Gericht: Landesarbeitsgericht Düsseldorf
Urteil verkündet am 27.05.2009
Aktenzeichen: 7 Sa 726/08
Rechtsgebiete: BGB, ArbGG


Vorschriften:

BGB § 613 a
BGB § 613 a Abs. 1 S. 1
BGB § 613 a Abs. 5
BGB § 613 a Abs. 6
ArbGG § 72 Abs. 2 Nr. 1
Schließt ein Arbeitnehmer mit dem Betriebserwerber nach Ausspruch einer betriebsbedingten Kündigung eine Abwicklungsvereinbarung, kann darin ein Umstandsmoment gesehen werden, das im Zusammenspiel mit dem Zeitmoment zur Verwirkung des Widerspruchrechts führen kann.
Tenor:

I. Auf die Berufung der Beklagten wird das Urteil des Arbeitsgerichts Solingen vom 18.03.2008 - 2 Ca 2037/07 lev - abgeändert:

Die Klage wird abgewiesen.

II. Die Kosten des Rechtsstreits hat der Kläger zu tragen.

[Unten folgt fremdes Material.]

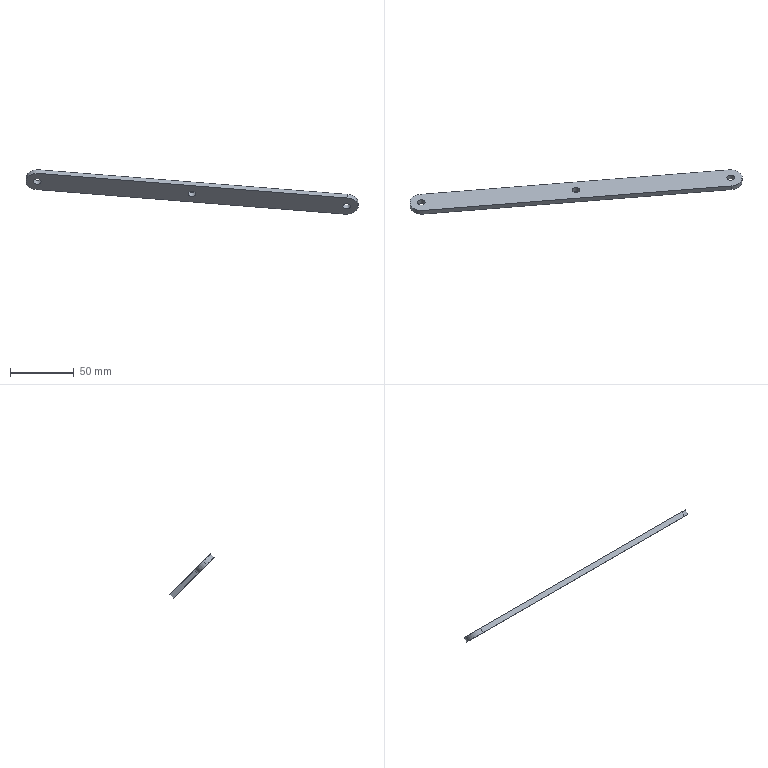Component | SolidWorks | GeneralAssembly-1_TieRod2-1 | 1 solid | 14 faces | box 260.47 x 34.86 x 34.86 mm | volume 18247 mm3 | cylinder 10 | plane 4 | commonest cylinder face diameters 6 x6 18 x4
STEP:
#1=COLOUR_RGB('',0.7922,0.8196,0.9333);
#2=FILL_AREA_STYLE_COLOUR('',#1);
#3=FILL_AREA_STYLE('',(#2));
#4=SURFACE_STYLE_FILL_AREA(#3);
#5=SURFACE_SIDE_STYLE('',(#4));
#6=SURFACE_STYLE_USAGE(.BOTH.,#5);
#7=PRESENTATION_STYLE_ASSIGNMENT((#6));
#8=CARTESIAN_POINT('',(10.928,15.672,-21.042));
#9=VERTEX_POINT('',#8);
#10=CARTESIAN_POINT('',(11.163,15.691,-21.06));
#11=VERTEX_POINT('',#10);
#12=CARTESIAN_POINT('',(11.046,15.682,-21.051));
#13=DIRECTION('',(0.,-0.7071,-0.7071));
#14=DIRECTION('',(0.9937,0.07912,-0.07912));
#15=AXIS2_PLACEMENT_3D('',#12,#13,#14);
#16=CIRCLE('',#15,0.1181);
#17=EDGE_CURVE('',#9,#11,#16,.T.);
#18=ORIENTED_EDGE('',*,*,#17,.F.);
#19=CARTESIAN_POINT('',(10.928,15.561,-21.153));
#20=VERTEX_POINT('',#19);
#21=CARTESIAN_POINT('',(10.928,15.7,-21.014));
#22=DIRECTION('',(0.,-0.7071,-0.7071));
#23=VECTOR('',#22,39.37);
#24=LINE('',#21,#23);
#25=EDGE_CURVE('',#9,#20,#24,.T.);
#26=ORIENTED_EDGE('',*,*,#25,.T.);
#27=CARTESIAN_POINT('',(11.163,15.58,-21.172));
#28=VERTEX_POINT('',#27);
#29=CARTESIAN_POINT('',(11.046,15.57,-21.162));
#30=DIRECTION('',(0.,-0.7071,-0.7071));
#31=DIRECTION('',(0.9937,0.07912,-0.07912));
#32=AXIS2_PLACEMENT_3D('',#29,#30,#31);
#33=CIRCLE('',#32,0.1181);
#34=EDGE_CURVE('',#20,#28,#33,.T.);
#35=ORIENTED_EDGE('',*,*,#34,.T.);
#36=CARTESIAN_POINT('',(11.163,15.719,-21.032));
#37=DIRECTION('',(0.,-0.7071,-0.7071));
#38=VECTOR('',#37,39.37);
#39=LINE('',#36,#38);
#40=EDGE_CURVE('',#11,#28,#39,.T.);
#41=ORIENTED_EDGE('',*,*,#40,.F.);
#42=EDGE_LOOP('',(#18,#26,#35,#41));
#43=FACE_OUTER_BOUND('',#42,.T.);
#44=CARTESIAN_POINT('',(11.046,15.709,-21.023));
#45=DIRECTION('',(0.,-0.7071,-0.7071));
#46=DIRECTION('',(0.9937,0.07912,-0.07912));
#47=AXIS2_PLACEMENT_3D('',#44,#45,#46);
#48=CYLINDRICAL_SURFACE('',#47,0.1181);
#49=ADVANCED_FACE('',(#43),#48,.F.);
#50=CARTESIAN_POINT('',(6.155,15.292,-20.662));
#51=VERTEX_POINT('',#50);
#52=CARTESIAN_POINT('',(6.39,15.311,-20.68));
#53=VERTEX_POINT('',#52);
#54=CARTESIAN_POINT('',(6.273,15.302,-20.671));
#55=DIRECTION('',(0.,-0.7071,-0.7071));
#56=DIRECTION('',(0.9937,0.07912,-0.07912));
#57=AXIS2_PLACEMENT_3D('',#54,#55,#56);
#58=CIRCLE('',#57,0.1181);
#59=EDGE_CURVE('',#51,#53,#58,.T.);
#60=ORIENTED_EDGE('',*,*,#59,.F.);
#61=CARTESIAN_POINT('',(6.155,15.181,-20.773));
#62=VERTEX_POINT('',#61);
#63=CARTESIAN_POINT('',(6.155,15.32,-20.634));
#64=DIRECTION('',(0.,-0.7071,-0.7071));
#65=VECTOR('',#64,39.37);
#66=LINE('',#63,#65);
#67=EDGE_CURVE('',#51,#62,#66,.T.);
#68=ORIENTED_EDGE('',*,*,#67,.T.);
#69=CARTESIAN_POINT('',(6.39,15.2,-20.792));
#70=VERTEX_POINT('',#69);
#71=CARTESIAN_POINT('',(6.273,15.19,-20.782));
#72=DIRECTION('',(0.,-0.7071,-0.7071));
#73=DIRECTION('',(0.9937,0.07912,-0.07912));
#74=AXIS2_PLACEMENT_3D('',#71,#72,#73);
#75=CIRCLE('',#74,0.1181);
#76=EDGE_CURVE('',#62,#70,#75,.T.);
#77=ORIENTED_EDGE('',*,*,#76,.T.);
#78=CARTESIAN_POINT('',(6.39,15.339,-20.652));
#79=DIRECTION('',(0.,-0.7071,-0.7071));
#80=VECTOR('',#79,39.37);
#81=LINE('',#78,#80);
#82=EDGE_CURVE('',#53,#70,#81,.T.);
#83=ORIENTED_EDGE('',*,*,#82,.F.);
#84=EDGE_LOOP('',(#60,#68,#77,#83));
#85=FACE_OUTER_BOUND('',#84,.T.);
#86=CARTESIAN_POINT('',(6.273,15.329,-20.643));
#87=DIRECTION('',(0.,-0.7071,-0.7071));
#88=DIRECTION('',(0.9937,0.07912,-0.07912));
#89=AXIS2_PLACEMENT_3D('',#86,#87,#88);
#90=CYLINDRICAL_SURFACE('',#89,0.1181);
#91=ADVANCED_FACE('',(#85),#90,.F.);
#92=CARTESIAN_POINT('',(1.382,14.912,-20.282));
#93=VERTEX_POINT('',#92);
#94=CARTESIAN_POINT('',(1.617,14.931,-20.3));
#95=VERTEX_POINT('',#94);
#96=CARTESIAN_POINT('',(1.5,14.921,-20.291));
#97=DIRECTION('',(0.,-0.7071,-0.7071));
#98=DIRECTION('',(0.9937,0.07912,-0.07912));
#99=AXIS2_PLACEMENT_3D('',#96,#97,#98);
#100=CIRCLE('',#99,0.1181);
#101=EDGE_CURVE('',#93,#95,#100,.T.);
#102=ORIENTED_EDGE('',*,*,#101,.F.);
#103=CARTESIAN_POINT('',(1.382,14.801,-20.393));
#104=VERTEX_POINT('',#103);
#105=CARTESIAN_POINT('',(1.382,14.94,-20.254));
#106=DIRECTION('',(0.,-0.7071,-0.7071));
#107=VECTOR('',#106,39.37);
#108=LINE('',#105,#107);
#109=EDGE_CURVE('',#93,#104,#108,.T.);
#110=ORIENTED_EDGE('',*,*,#109,.T.);
#111=CARTESIAN_POINT('',(1.617,14.819,-20.412));
#112=VERTEX_POINT('',#111);
#113=CARTESIAN_POINT('',(1.5,14.81,-20.402));
#114=DIRECTION('',(0.,-0.7071,-0.7071));
#115=DIRECTION('',(0.9937,0.07912,-0.07912));
#116=AXIS2_PLACEMENT_3D('',#113,#114,#115);
#117=CIRCLE('',#116,0.1181);
#118=EDGE_CURVE('',#104,#112,#117,.T.);
#119=ORIENTED_EDGE('',*,*,#118,.T.);
#120=CARTESIAN_POINT('',(1.617,14.959,-20.272));
#121=DIRECTION('',(0.,-0.7071,-0.7071));
#122=VECTOR('',#121,39.37);
#123=LINE('',#120,#122);
#124=EDGE_CURVE('',#95,#112,#123,.T.);
#125=ORIENTED_EDGE('',*,*,#124,.F.);
#126=EDGE_LOOP('',(#102,#110,#119,#125));
#127=FACE_OUTER_BOUND('',#126,.T.);
#128=CARTESIAN_POINT('',(1.5,14.949,-20.263));
#129=DIRECTION('',(0.,-0.7071,-0.7071));
#130=DIRECTION('',(0.9937,0.07912,-0.07912));
#131=AXIS2_PLACEMENT_3D('',#128,#129,#130);
#132=CYLINDRICAL_SURFACE('',#131,0.1181);
#133=ADVANCED_FACE('',(#127),#132,.F.);
#134=CARTESIAN_POINT('',(1.46,15.17,-20.54));
#135=VERTEX_POINT('',#134);
#136=CARTESIAN_POINT('',(11.006,15.931,-21.3));
#137=VERTEX_POINT('',#136);
#138=CARTESIAN_POINT('',(1.108,15.142,-20.512));
#139=DIRECTION('',(0.9937,0.07912,-0.07912));
#140=VECTOR('',#139,39.37);
#141=LINE('',#138,#140);
#142=EDGE_CURVE('',#135,#137,#141,.T.);
#143=ORIENTED_EDGE('',*,*,#142,.T.);
#144=CARTESIAN_POINT('',(11.006,15.819,-21.411));
#145=VERTEX_POINT('',#144);
#146=CARTESIAN_POINT('',(11.006,15.819,-21.411));
#147=DIRECTION('',(0.,-0.7071,-0.7071));
#148=VECTOR('',#147,39.37);
#149=LINE('',#146,#148);
#150=EDGE_CURVE('',#137,#145,#149,.T.);
#151=ORIENTED_EDGE('',*,*,#150,.T.);
#152=CARTESIAN_POINT('',(1.46,15.059,-20.651));
#153=VERTEX_POINT('',#152);
#154=CARTESIAN_POINT('',(1.108,15.031,-20.623));
#155=DIRECTION('',(0.9937,0.07912,-0.07912));
#156=VECTOR('',#155,39.37);
#157=LINE('',#154,#156);
#158=EDGE_CURVE('',#153,#145,#157,.T.);
#159=ORIENTED_EDGE('',*,*,#158,.F.);
#160=CARTESIAN_POINT('',(1.46,15.059,-20.651));
#161=DIRECTION('',(-0.,0.7071,0.7071));
#162=VECTOR('',#161,39.37);
#163=LINE('',#160,#162);
#164=EDGE_CURVE('',#153,#135,#163,.T.);
#165=ORIENTED_EDGE('',*,*,#164,.T.);
#166=EDGE_LOOP('',(#143,#151,#159,#165));
#167=FACE_OUTER_BOUND('',#166,.T.);
#168=CARTESIAN_POINT('',(1.108,15.031,-20.623));
#169=DIRECTION('',(0.1119,-0.7027,0.7027));
#170=DIRECTION('',(0.,-0.7071,-0.7071));
#171=AXIS2_PLACEMENT_3D('',#168,#169,#170);
#172=PLANE('',#171);
#173=ADVANCED_FACE('',(#167),#172,.F.);
#174=CARTESIAN_POINT('',(11.085,15.321,-20.913));
#175=VERTEX_POINT('',#174);
#176=CARTESIAN_POINT('',(1.539,14.561,-20.153));
#177=VERTEX_POINT('',#176);
#178=CARTESIAN_POINT('',(1.187,14.533,-20.125));
#179=DIRECTION('',(-0.9937,-0.07912,0.07912));
#180=VECTOR('',#179,39.37);
#181=LINE('',#178,#180);
#182=EDGE_CURVE('',#175,#177,#181,.T.);
#183=ORIENTED_EDGE('',*,*,#182,.F.);
#184=CARTESIAN_POINT('',(11.085,15.433,-20.802));
#185=VERTEX_POINT('',#184);
#186=CARTESIAN_POINT('',(11.085,15.321,-20.913));
#187=DIRECTION('',(-0.,0.7071,0.7071));
#188=VECTOR('',#187,39.37);
#189=LINE('',#186,#188);
#190=EDGE_CURVE('',#175,#185,#189,.T.);
#191=ORIENTED_EDGE('',*,*,#190,.T.);
#192=CARTESIAN_POINT('',(1.539,14.673,-20.042));
#193=VERTEX_POINT('',#192);
#194=CARTESIAN_POINT('',(1.187,14.644,-20.014));
#195=DIRECTION('',(-0.9937,-0.07912,0.07912));
#196=VECTOR('',#195,39.37);
#197=LINE('',#194,#196);
#198=EDGE_CURVE('',#185,#193,#197,.T.);
#199=ORIENTED_EDGE('',*,*,#198,.T.);
#200=CARTESIAN_POINT('',(1.539,14.561,-20.153));
#201=DIRECTION('',(0.,-0.7071,-0.7071));
#202=VECTOR('',#201,39.37);
#203=LINE('',#200,#202);
#204=EDGE_CURVE('',#193,#177,#203,.T.);
#205=ORIENTED_EDGE('',*,*,#204,.T.);
#206=EDGE_LOOP('',(#183,#191,#199,#205));
#207=FACE_OUTER_BOUND('',#206,.T.);
#208=CARTESIAN_POINT('',(1.187,14.533,-20.125));
#209=DIRECTION('',(-0.1119,0.7027,-0.7027));
#210=DIRECTION('',(-0.,0.7071,0.7071));
#211=AXIS2_PLACEMENT_3D('',#208,#209,#210);
#212=PLANE('',#211);
#213=ADVANCED_FACE('',(#207),#212,.F.);
#214=CARTESIAN_POINT('',(11.046,15.57,-21.162));
#215=DIRECTION('',(0.,-0.7071,-0.7071));
#216=DIRECTION('',(0.9937,0.07912,-0.07912));
#217=AXIS2_PLACEMENT_3D('',#214,#215,#216);
#218=CIRCLE('',#217,0.1181);
#219=EDGE_CURVE('',#28,#20,#218,.T.);
#220=ORIENTED_EDGE('',*,*,#219,.F.);
#221=ORIENTED_EDGE('',*,*,#34,.F.);
#222=EDGE_LOOP('',(#220,#221));
#223=FACE_BOUND('',#222,.T.);
#224=CARTESIAN_POINT('',(6.273,15.19,-20.782));
#225=DIRECTION('',(0.,-0.7071,-0.7071));
#226=DIRECTION('',(0.9937,0.07912,-0.07912));
#227=AXIS2_PLACEMENT_3D('',#224,#225,#226);
#228=CIRCLE('',#227,0.1181);
#229=EDGE_CURVE('',#70,#62,#228,.T.);
#230=ORIENTED_EDGE('',*,*,#229,.F.);
#231=ORIENTED_EDGE('',*,*,#76,.F.);
#232=EDGE_LOOP('',(#230,#231));
#233=FACE_BOUND('',#232,.T.);
#234=CARTESIAN_POINT('',(1.5,14.81,-20.402));
#235=DIRECTION('',(0.,-0.7071,-0.7071));
#236=DIRECTION('',(0.9937,0.07912,-0.07912));
#237=AXIS2_PLACEMENT_3D('',#234,#235,#236);
#238=CIRCLE('',#237,0.1181);
#239=EDGE_CURVE('',#112,#104,#238,.T.);
#240=ORIENTED_EDGE('',*,*,#239,.F.);
#241=ORIENTED_EDGE('',*,*,#118,.F.);
#242=EDGE_LOOP('',(#240,#241));
#243=FACE_BOUND('',#242,.T.);
#244=ORIENTED_EDGE('',*,*,#158,.T.);
#245=CARTESIAN_POINT('',(11.398,15.598,-21.19));
#246=VERTEX_POINT('',#245);
#247=CARTESIAN_POINT('',(11.046,15.57,-21.162));
#248=DIRECTION('',(0.,-0.7071,-0.7071));
#249=DIRECTION('',(0.9937,0.07912,-0.07912));
#250=AXIS2_PLACEMENT_3D('',#247,#248,#249);
#251=CIRCLE('',#250,0.3543);
#252=EDGE_CURVE('',#145,#246,#251,.T.);
#253=ORIENTED_EDGE('',*,*,#252,.T.);
#254=CARTESIAN_POINT('',(11.046,15.57,-21.162));
#255=DIRECTION('',(0.,-0.7071,-0.7071));
#256=DIRECTION('',(0.9937,0.07912,-0.07912));
#257=AXIS2_PLACEMENT_3D('',#254,#255,#256);
#258=CIRCLE('',#257,0.3543);
#259=EDGE_CURVE('',#246,#175,#258,.T.);
#260=ORIENTED_EDGE('',*,*,#259,.T.);
#261=ORIENTED_EDGE('',*,*,#182,.T.);
#262=CARTESIAN_POINT('',(1.148,14.782,-20.374));
#263=VERTEX_POINT('',#262);
#264=CARTESIAN_POINT('',(1.5,14.81,-20.402));
#265=DIRECTION('',(0.,-0.7071,-0.7071));
#266=DIRECTION('',(0.9937,0.07912,-0.07912));
#267=AXIS2_PLACEMENT_3D('',#264,#265,#266);
#268=CIRCLE('',#267,0.3543);
#269=EDGE_CURVE('',#177,#263,#268,.T.);
#270=ORIENTED_EDGE('',*,*,#269,.T.);
#271=CARTESIAN_POINT('',(1.5,14.81,-20.402));
#272=DIRECTION('',(0.,-0.7071,-0.7071));
#273=DIRECTION('',(0.9937,0.07912,-0.07912));
#274=AXIS2_PLACEMENT_3D('',#271,#272,#273);
#275=CIRCLE('',#274,0.3543);
#276=EDGE_CURVE('',#263,#153,#275,.T.);
#277=ORIENTED_EDGE('',*,*,#276,.T.);
#278=EDGE_LOOP('',(#244,#253,#260,#261,#270,#277));
#279=FACE_OUTER_BOUND('',#278,.T.);
#280=CARTESIAN_POINT('',(3.616,15.166,-20.758));
#281=DIRECTION('',(0.,-0.7071,-0.7071));
#282=DIRECTION('',(0.9937,0.07912,-0.07912));
#283=AXIS2_PLACEMENT_3D('',#280,#281,#282);
#284=PLANE('',#283);
#285=ADVANCED_FACE('',(#223,#233,#243,#279),#284,.T.);
#286=CARTESIAN_POINT('',(11.046,15.682,-21.051));
#287=DIRECTION('',(0.,-0.7071,-0.7071));
#288=DIRECTION('',(0.9937,0.07912,-0.07912));
#289=AXIS2_PLACEMENT_3D('',#286,#287,#288);
#290=CIRCLE('',#289,0.1181);
#291=EDGE_CURVE('',#11,#9,#290,.T.);
#292=ORIENTED_EDGE('',*,*,#291,.T.);
#293=ORIENTED_EDGE('',*,*,#17,.T.);
#294=EDGE_LOOP('',(#292,#293));
#295=FACE_BOUND('',#294,.T.);
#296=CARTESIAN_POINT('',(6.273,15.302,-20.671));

III. Die Revision wird zugelassen.

Tatbestand:

Mit seiner am 29.11.2007 beim Arbeitsgericht Solingen eingegangenen Klage macht der Kläger gegen die Beklagte Vergütungsansprüche aus Annahmeverzug gelten. Es handelt sich hierbei um ein Folgeverfahren.

Der am 25.05.1950 geborene Kläger war seit dem 01.04.1968 bei der Beklagten beschäftigt.

Er war nach dem übereinstimmenden Vorbringen der Parteien dem selbständigen Geschäftsbereich Consumer Imaging (CI) zugeordnet, der insbesondere die Geschäftsfelder Film, Finishing und Laborgeräte umfasste. Da dieser Geschäftsbereich seit mehreren Jahren einen massiven Umsatzrückgang zu verzeichnen hatte, hat die Beklagte zur Kostenreduzierung Personalabbaumaßnahmen durchgeführt. Dazu gehörte unter anderem auch der Abschluss von Vorruhestandsverträgen oder Altersteilzeitvereinbarungen, in denen den jeweiligen Arbeitnehmern zum Teil erhebliche finanzielle Leistungen zugesagt wurden.

Unter dem Datum vom 23.09.2004 erstellte die Beklagte für den Kläger eine Frühruhestandsberechnung.

Mit Schreiben vom 22.10.2004 unterrichtete die Beklagte den Kläger über den zum 01.11.2004 geplanten Betriebsteilübergang des Geschäftsbereichs CI auf die B. Photo GmbH. Wie das Bundesarbeitsgericht mittlerweile in einer Vielzahl von Verfahren festgestellt hat, war die Unterrichtung fehlerhaft.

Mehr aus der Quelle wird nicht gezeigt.